BRMP Aceh Dorong Budidaya Padi Modern PM-AAS untuk Tingkatkan Produksi di Abdya
Aceh Barat Daya, 18 Agustus 2026 — Upaya meningkatkan produktivitas padi di Aceh terus diperkuat melalui penerapan sistem budidaya pertanian modern. Balai Besar Penerapan Modernisasi Pertanian (BRMP) Aceh mendorong adopsi Pertanian Modern–Advanced Agriculture System (PM-AAS) sebagai pendekatan budidaya yang diharapkan mampu meningkatkan produktivitas sekaligus efisiensi usaha tani.
Komitmen tersebut diwujudkan melalui kegiatan Koordinasi Penanaman Budidaya Padi PM-AAS di Kabupaten Aceh Barat Daya yang dilaksanakan pada 18 Agustus 2026. Kegiatan diikuti para penyuluh pertanian, Katim Kerja Penyuluhan Kabupaten Aceh Barat Daya, serta Koordinator Balai Penyuluhan Pertanian (BPP) dari seluruh wilayah Kabupaten Aceh Barat Daya.
Koordinasi tersebut menjadi bagian penting dalam mempersiapkan pelaksanaan penanaman dan penerapan budidaya padi berbasis PM-AAS di tingkat lapangan. Perencanaan tanam, kesiapan sarana produksi, penerapan teknologi, hingga pendampingan kepada petani menjadi aspek yang perlu dipersiapkan secara terpadu.
Dalam kegiatan tersebut dibahas pentingnya penerapan teknologi budidaya secara tepat dan konsisten untuk mendorong peningkatan produksi padi. Penggunaan sarana produksi secara optimal, penerapan inovasi pertanian, serta pendampingan intensif oleh penyuluh menjadi faktor penting dalam mendukung keberhasilan penerapan PM-AAS.
Pada lokasi yang menerapkan paket teknologi secara optimal, budidaya padi PM-AAS diharapkan mampu mendorong produktivitas hingga 10 ton per hektare.

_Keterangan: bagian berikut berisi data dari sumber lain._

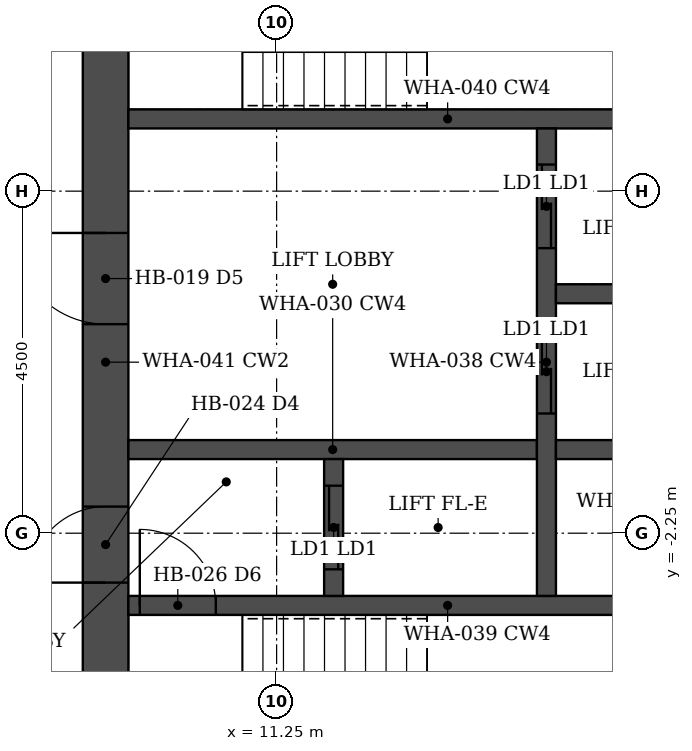
"""IFC4 building model, lengths in metres.
Left out: names, types, materials, properties, quantities, classifications, styles, units other than length and angle.
Written with IfcOpenShell. Run it as: python <this file> out.ifc"""

import sys

from ifc_helpers import new_model, si_unit, direction, frame, frame_2d, origin, place, context, subcontext, project, spatial, rectangle, extrude, element, fill, save


model = new_model("IFC4")
c1 = context("Model", 3, precision=1e-05, world=origin(), true_north=direction((0.0, 1.0)))
c2 = subcontext(c1, "Body", "Model", "MODEL_VIEW")
j1 = project(units=[si_unit("LENGTHUNIT", "METRE"), si_unit("PLANEANGLEUNIT", "RADIAN")], contexts=[c1])
p1 = place(None, origin())
s1 = spatial("IfcSite", under=j1, at=p1, CompositionType="ELEMENT")
p2 = place(p1, origin())
s2 = spatial("IfcBuilding", under=s1, at=p2, CompositionType="ELEMENT")
p3 = place(p2, frame((0.0, 0.0, 129.2)))
s3 = spatial("IfcBuildingStorey", under=s2, at=p3, CompositionType="ELEMENT", Elevation=129.2)
p4 = place(p3, frame((9.0, -6.45, 0.0), z_axis=(0.0, 0.0, 1.0), x_axis=(0.0, 1.0, 0.0)))
e1 = element("IfcWall", 1, at=p4, inside=s3, PredefinedType="SHEAR", context=c2, shape_type="SweptSolid", body=[
    extrude(rectangle(XDim=12.9, YDim=0.6, at=frame_2d((6.45, 0.0))), origin(), (0.0, 0.0, 1.0), 3.6),
])
p5 = place(p4, frame((3.55, 0.0, 0.0)))
e2 = element("IfcOpeningElement", 2, at=p5, cuts=e1, PredefinedType="OPENING", context=c2, shape_type="SweptSolid", body=[
    extrude(rectangle(XDim=1.0, YDim=2.1, at=frame_2d((0.5, 1.05))), frame((0.0, 0.31, 0.0), z_axis=(0.0, -1.0, 0.0), x_axis=(1.0, 0.0, 0.0)), (0.0, 0.0, 1.0), 0.62),
])
p6 = place(p4, frame((6.95, 0.0, 0.0)))
e3 = element("IfcOpeningElement", 3, at=p6, cuts=e1, PredefinedType="OPENING", context=c2, shape_type="SweptSolid", body=[
    extrude(rectangle(XDim=1.2, YDim=2.1, at=frame_2d((0.6, 1.05))), frame((0.0, 0.31, 0.0), z_axis=(0.0, -1.0, 0.0), x_axis=(1.0, 0.0, 0.0)), (0.0, 0.0, 1.0), 0.62),
])
p7 = place(p4, frame((10.85, 0.0, 0.0)))
e4 = element("IfcOpeningElement", 4, at=p7, cuts=e1, PredefinedType="OPENING", context=c2, shape_type="SweptSolid", body=[
    extrude(rectangle(XDim=1.0, YDim=2.1, at=frame_2d((0.5, 1.05))), frame((0.0, 0.31, 0.0), z_axis=(0.0, -1.0, 0.0), x_axis=(1.0, 0.0, 0.0)), (0.0, 0.0, 1.0), 0.62),
])
p8 = place(p3, frame((9.3, -3.2, 0.0), z_axis=(0.0, 0.0, 1.0), x_axis=(1.0, 0.0, 0.0)))
e5 = element("IfcWall", 5, at=p8, inside=s3, PredefinedType="SHEAR", context=c2, shape_type="SweptSolid", body=[
    extrude(rectangle(XDim=8.4, YDim=0.25, at=frame_2d((4.2, 0.0))), origin(), (0.0, 0.0, 1.0), 3.6),
])
p9 = place(p8, frame((0.15, 0.0, 0.0)))
e6 = element("IfcOpeningElement", 6, at=p9, cuts=e5, PredefinedType="OPENING", context=c2, shape_type="SweptSolid", body=[
    extrude(rectangle(XDim=1.0, YDim=2.1, at=frame_2d((0.5, 1.05))), frame((0.0, 0.135, 0.0), z_axis=(0.0, -1.0, 0.0), x_axis=(1.0, 0.0, 0.0)), (0.0, 0.0, 1.0), 0.27),
])
p10 = place(p3, frame((9.3, 3.2, 0.0), z_axis=(0.0, 0.0, 1.0), x_axis=(1.0, 0.0, 0.0)))
e7 = element("IfcWall", 7, at=p10, inside=s3, PredefinedType="SHEAR", context=c2, shape_type="SweptSolid", body=[
    extrude(rectangle(XDim=8.4, YDim=0.25, at=frame_2d((4.2, 0.0))), origin(), (0.0, 0.0, 1.0), 3.6),
])
p11 = place(p3, frame((9.3, -1.15, 0.0), z_axis=(0.0, 0.0, 1.0), x_axis=(1.0, 0.0, 0.0)))
e8 = element("IfcWall", 8, at=p11, inside=s3, PredefinedType="SHEAR", context=c2, shape_type="SweptSolid", body=[
    extrude(rectangle(XDim=5.375, YDim=0.25, at=frame_2d((2.688, 0.0))), origin(), (0.0, 0.0, 1.0), 3.6),
])
p12 = place(p3, frame((12.0, -3.075, 0.0), z_axis=(0.0, 0.0, 1.0), x_axis=(0.0, 1.0, 0.0)))
e9 = element("IfcWall", 9, at=p12, inside=s3, PredefinedType="SHEAR", context=c2, shape_type="SweptSolid", body=[
    extrude(rectangle(XDim=1.8, YDim=0.25, at=frame_2d((0.9, 0.0))), origin(), (0.0, 0.0, 1.0), 3.6),
])
p13 = place(p12, frame((0.35, 0.0, 0.0)))
e10 = element("IfcOpeningElement", 10, at=p13, cuts=e9, PredefinedType="OPENING", context=c2, shape_type="SweptSolid", body=[
    extrude(rectangle(XDim=1.1, YDim=2.1, at=frame_2d((0.55, 1.05))), frame((0.0, 0.135, 0.0), z_axis=(0.0, -1.0, 0.0), x_axis=(1.0, 0.0, 0.0)), (0.0, 0.0, 1.0), 0.27),
])
p14 = place(p3, frame((14.8, -3.075, 0.0), z_axis=(0.0, 0.0, 1.0), x_axis=(0.0, 1.0, 0.0)))
e11 = element("IfcWall", 11, at=p14, inside=s3, PredefinedType="SHEAR", context=c2, shape_type="SweptSolid", body=[
    extrude(rectangle(XDim=6.15, YDim=0.25, at=frame_2d((3.075, 0.0))), origin(), (0.0, 0.0, 1.0), 3.6),
])
p15 = place(p14, frame((2.4, 0.0, 0.0)))
e12 = element("IfcOpeningElement", 12, at=p15, cuts=e11, PredefinedType="OPENING", context=c2, shape_type="SweptSolid", body=[
    extrude(rectangle(XDim=1.1, YDim=2.1, at=frame_2d((0.55, 1.05))), frame((0.0, 0.135, 0.0), z_axis=(0.0, -1.0, 0.0), x_axis=(1.0, 0.0, 0.0)), (0.0, 0.0, 1.0), 0.27),
])
p16 = place(p14, frame((4.575, 0.0, 0.0)))
e13 = element("IfcOpeningElement", 13, at=p16, cuts=e11, PredefinedType="OPENING", context=c2, shape_type="SweptSolid", body=[
    extrude(rectangle(XDim=1.1, YDim=2.1, at=frame_2d((0.55, 1.05))), frame((0.0, 0.135, 0.0), z_axis=(0.0, -1.0, 0.0), x_axis=(1.0, 0.0, 0.0)), (0.0, 0.0, 1.0), 0.27),
])
for number, where, z_axis, x_axis in (
    (14, (14.925, -1.15, 0.0), (0.0, 0.0, 1.0), (1.0, 0.0, 0.0)),
    (15, (14.925, 0.9, 0.0), (0.0, 0.0, 1.0), (1.0, 0.0, 0.0)),
):
    element("IfcWall", number, at=place(p3, frame(where, z_axis=z_axis, x_axis=x_axis)), inside=s3, PredefinedType="SHEAR", context=c2, shape_type="SweptSolid", body=[
        extrude(rectangle(XDim=2.775, YDim=0.25, at=frame_2d((1.387, 0.0))), origin(), (0.0, 0.0, 1.0), 3.6),
    ])
p17 = place(p5, origin())
e16 = element("IfcDoor", 16, at=p17, inside=s3, OperationType="SINGLE_SWING_LEFT", PredefinedType="DOOR", context=c2, shape_type="SweptSolid", body=[
    extrude(rectangle(XDim=1.0, YDim=2.1, at=frame_2d((0.5, 1.05))), frame((0.0, 0.025, 0.0), z_axis=(0.0, -1.0, 0.0), x_axis=(1.0, 0.0, 0.0)), (0.0, 0.0, 1.0), 0.05),
])
fill(e2, e16)
p18 = place(p9, origin())
e17 = element("IfcDoor", 17, at=p18, inside=s3, OperationType="SINGLE_SWING_LEFT", PredefinedType="DOOR", context=c2, shape_type="SweptSolid", body=[
    extrude(rectangle(XDim=1.0, YDim=2.1, at=frame_2d((0.5, 1.05))), frame((0.0, 0.025, 0.0), z_axis=(0.0, -1.0, 0.0), x_axis=(1.0, 0.0, 0.0)), (0.0, 0.0, 1.0), 0.05),
])
fill(e6, e17)
p19 = place(p6, origin())
e18 = element("IfcDoor", 18, at=p19, inside=s3, OperationType="SINGLE_SWING_RIGHT", PredefinedType="DOOR", context=c2, shape_type="SweptSolid", body=[
    extrude(rectangle(XDim=1.2, YDim=2.1, at=frame_2d((0.6, 1.05))), frame((0.0, 0.025, 0.0), z_axis=(0.0, -1.0, 0.0), x_axis=(1.0, 0.0, 0.0)), (0.0, 0.0, 1.0), 0.05),
])
fill(e3, e18)
p20 = place(p13, origin())
e19 = element("IfcDoor", 19, at=p20, inside=s3, OperationType="DOUBLE_DOOR_SLIDING", PredefinedType="DOOR", context=c2, shape_type="SweptSolid", body=[
    extrude(rectangle(XDim=1.1, YDim=2.1, at=frame_2d((0.55, 1.05))), frame((0.0, 0.025, 0.0), z_axis=(0.0, -1.0, 0.0), x_axis=(1.0, 0.0, 0.0)), (0.0, 0.0, 1.0), 0.05),
])
fill(e10, e19)
p21 = place(p15, origin())
e20 = element("IfcDoor", 20, at=p21, inside=s3, OperationType="DOUBLE_DOOR_SLIDING", PredefinedType="DOOR", context=c2, shape_type="SweptSolid", body=[
    extrude(rectangle(XDim=1.1, YDim=2.1, at=frame_2d((0.55, 1.05))), frame((0.0, 0.025, 0.0), z_axis=(0.0, -1.0, 0.0), x_axis=(1.0, 0.0, 0.0)), (0.0, 0.0, 1.0), 0.05),
])
fill(e12, e20)
p22 = place(p16, origin())
e21 = element("IfcDoor", 21, at=p22, inside=s3, OperationType="DOUBLE_DOOR_SLIDING", PredefinedType="DOOR", context=c2, shape_type="SweptSolid", body=[
    extrude(rectangle(XDim=1.1, YDim=2.1, at=frame_2d((0.55, 1.05))), frame((0.0, 0.025, 0.0), z_axis=(0.0, -1.0, 0.0), x_axis=(1.0, 0.0, 0.0)), (0.0, 0.0, 1.0), 0.05),
])
fill(e13, e21)
save(model, sys.argv[1])

Target tersebut menjadi salah satu motivasi untuk memperkuat penerapan teknologi dan meningkatkan kapasitas petani dalam mengelola usaha tani secara lebih modern.
Kepala Dinas Pertanian Kabupaten Aceh Barat Daya menegaskan bahwa peningkatan produksi padi harus terus didorong melalui penerapan teknologi dan sistem budidaya yang lebih intensif.
“Peningkatan produksi harus terus kita upayakan melalui penerapan budidaya padi PM-AAS. Dengan penerapan teknologi dan sistem budidaya yang tepat, kita menargetkan produktivitas padi dapat terus ditingkatkan hingga mencapai 10 ton per hektare,” ujarnya.
Upaya peningkatan produktivitas tersebut juga menjadi bagian dari agenda pembangunan pertanian yang tidak hanya berorientasi pada peningkatan produksi, tetapi juga peningkatan kesejahteraan petani. Produktivitas yang lebih tinggi diharapkan dapat memberikan dampak terhadap efisiensi usaha tani dan peningkatan pendapatan petani.
Kepala BRMP Aceh menekankan bahwa keberhasilan penerapan PM-AAS membutuhkan sinergi dan pendampingan yang kuat hingga tingkat lapangan. Penyuluh dan BPP memiliki peran strategis dalam memastikan teknologi yang diperkenalkan dapat dipahami dan diterapkan oleh petani sesuai kondisi wilayah.
“Modernisasi pertanian bukan hanya tentang penggunaan teknologi, tetapi juga bagaimana teknologi tersebut dapat diterapkan secara tepat oleh petani dan memberikan manfaat nyata. Karena itu, koordinasi dan pendampingan di lapangan menjadi bagian yang sangat penting,” ujarnya.
BRMP Aceh akan terus mendorong perluasan penerapan PM-AAS di berbagai wilayah Aceh melalui penguatan koordinasi dengan pemerintah daerah, dinas pertanian, penyuluh, BPP, kelompok tani, dan pemangku kepentingan lainnya.
Melalui penerapan budidaya padi yang lebih modern, terencana, dan berbasis teknologi, BRMP Aceh optimistis produktivitas padi di Aceh dapat terus ditingkatkan. Langkah tersebut sekaligus menjadi bagian dari upaya memperkuat ketahanan pangan dan mendorong terwujudnya pertanian yang lebih produktif, efisien, dan berkelanjutan.